Catlla says she stumbled into applied math. Growing up in Lawrence, Kansas, she liked math and science, but thought she wanted to be a teacher, or maybe a nurse, like her mother. She entered the University of Kansas as an engineering major on the advice of a friend but soon realized it wasn’t for her. She transferred to the school of education, but decided that wasn’t for her either. Since she had taken a lot of math courses and enjoyed them, she signed up as a math major.
Her path took another twist near the end of her senior year, when a physics professor invited her to do research in his lab. She was interested, but was about to graduate. So she arranged to continue her studies in math as a graduate student at the University of Kansas, while also doing research in the physics lab.
Working both in physics and math, she felt that she really belonged somewhere in between, and so was drawn to applied math. “I think that mathematicians and physicists and applied mathematicians all will look at the same phenomena and ask different questions. The questions that a mathematician asks will be perhaps more abstract. The questions a physicist asks tend to be more interested in what was coming out of the system. I was interested in the math, but I was also interested in the system. That drew me to applied math, because I felt at the time like this was bridging the gap,” she says. Since then she has found that there are physicists who are interested in math, and vice versa, but at the time she thought applied math was the right place for people like her who are interested in both.

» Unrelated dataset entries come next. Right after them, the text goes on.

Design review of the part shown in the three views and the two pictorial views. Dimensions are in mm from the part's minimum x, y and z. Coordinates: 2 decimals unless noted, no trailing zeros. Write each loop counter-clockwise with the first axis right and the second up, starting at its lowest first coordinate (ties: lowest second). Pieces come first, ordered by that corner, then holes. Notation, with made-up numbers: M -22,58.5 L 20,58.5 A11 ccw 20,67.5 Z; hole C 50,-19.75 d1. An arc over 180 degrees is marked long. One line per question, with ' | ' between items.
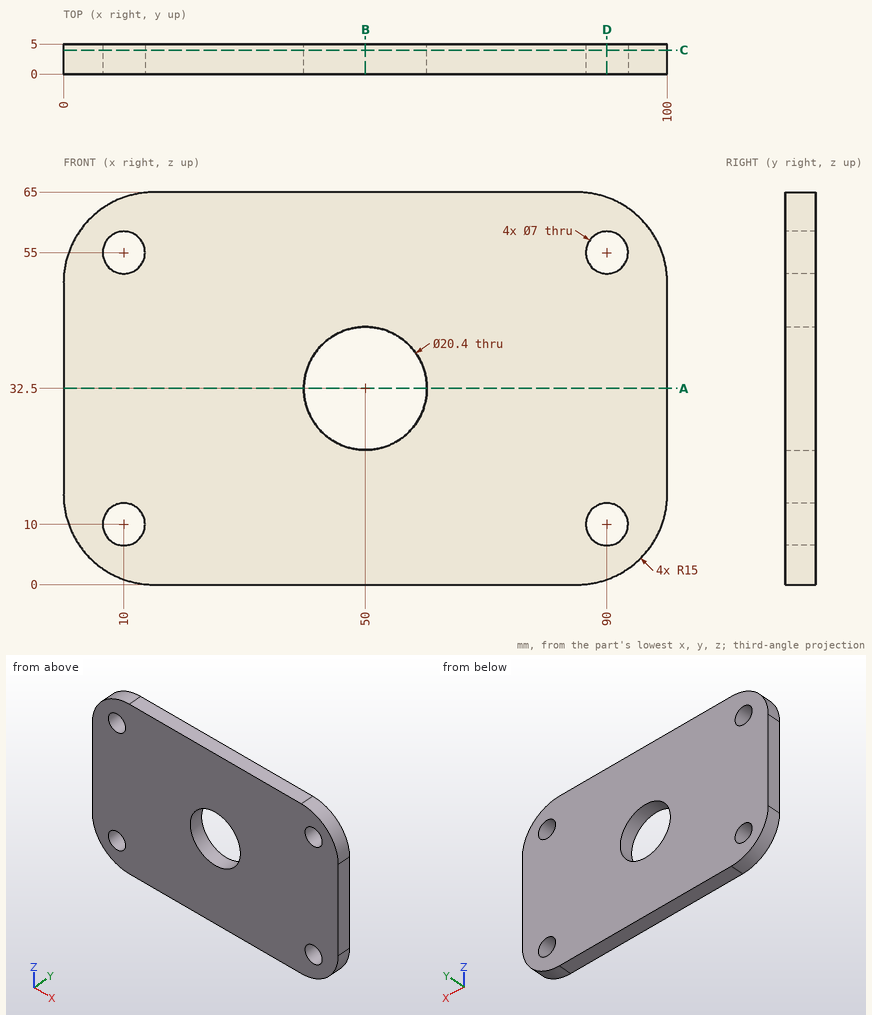
1. For line 1 along Z through (x, y) = (9.5, 1.5); line 2 along X through (y, z) = (1.6, 32); line 3 along X through (y, z) = (2.1, 55), list the stretches that pass through material, from the lowest coordinate up.
Computed values:
line 1: z = 1.04 to 6.54, 13.46 to 51.54, 58.46 to 63.96 | line 2: x = 0 to 39.81, 60.19 to 100 | line 3: x = 0.86 to 6.5, 13.5 to 86.5, 93.5 to 99.14
2. Take a section at D-D on x = 90. State the section outline as (y, z) points, plus the area to 3 significant figures.
Computed values:
outline: M 0,0.86 L 5,0.86 L 5,6.5 L 0,6.5 Z; M 0,13.5 L 5,13.5 L 5,51.5 L 0,51.5 Z; M 0,58.5 L 5,58.5 L 5,64.14 L 0,64.14 Z | area: 246 mm2
3. Take a section at C-C on y = 4. State the section outline as (x, z) points, plus the area to 3 significant figures.
Computed values:
outline: M 0,15 A15 ccw 15,0 L 85,0 A15 ccw 100,15 L 100,50 A15 ccw 85,65 L 15,65 A15 ccw 0,50 Z; hole C 10,10 d7; hole C 10,55 d7; hole C 50,32.5 d20.4; hole C 90,10 d7; hole C 90,55 d7 | area: 5,830 mm2
4. Clearance check with a flat-ended pin moving along its axis: P1, Ø4, axis at x = 10, z = 55, coming from the -Y side. State where the tip first meets the part, or that it passes through.
Computed values:
P1: passes through
5. Take a section at B-B on x = 50. State the section outline as (y, z) points.
Computed values:
outline: M 0,0 L 5,0 L 5,22.3 L 0,22.3 Z; M 0,42.7 L 5,42.7 L 5,65 L 0,65 Z
6. Take a section at A-A on z = 32.5. State the section outline as (x, y) points, plus the area to 3 significant figures.
Computed values:
outline: M 0,0 L 39.8,0 L 39.8,5 L 0,5 Z; M 60.2,0 L 100,0 L 100,5 L 60.2,5 Z | area: 398 mm2

She applied to graduate school in applied math at Northwestern University, and received her PhD five years later. Last August, she began a postdoctoral appointment at Duke University.
“Graduate school was the first time I started to understand what it meant to be a scientist or a mathematician,” says Catlla. Unlike in undergraduate work, where assignments are completed relatively quickly, in graduate school, if you get stuck on a project, as you often do, you have to keep working on it until you figure it out. That can be both very frustrating and very rewarding, she says. “When you figure something out, it’s so exciting. You really start to feel ownership of the work you’re doing. No coursework could ever compare to that.”
Like many people in math and science, Catlla finds that other people often say to her, “Wow, you must be really smart!” Catlla’s reaction is: “Well, no, what’s most important is that you’re really dedicated. I tend to jokingly say, well no, I’m just really stubborn.”
Though women are still fairly rare in math and physics departments, the situation is improving, and Catlla says that she never felt any blatant discrimination, though did notice subtle things, such as an occasionally inappropriate comment.
"It’s so much more subtle. It has to do with feeling very singled out. There were math and physics courses I took where I was the only woman. You might have a question, and you’re sitting there, thinking to yourself, “is this a stupid question?” And then, if I ask the stupid question, I’m not just the person who asked the stupid question, I’m the woman who asked the stupid question. And so I think that that kind of pressure, I’ve definitely felt many times.”
When she’s not at work, Catlla relaxes by doing yoga. “I love yoga. The very first thing I want to do when I get off in the evening, I want to do yoga.”
She has also been an active volunteer. Before she moved to North Carolina, she volunteered at a woman’s shelter, helping women with practical matters and providing emotional support. “I loved it. At one point I even considered changing careers. I have so much admiration for people who work in places like that,” she says.
Catlla is also a “politics junkie,” who frequently reads political blogs and has toyed with the idea of being a poll worker. She’s written numerous letters to her congressmen. And through the American Physical Society, she had the opportunity to lobby for increased funding for science. “To me that’s not a hobby, that’s an obligation of every scientist,” she says. “Scientists have an obligation to make sure the community is aware of what science is and the contributions that it makes.”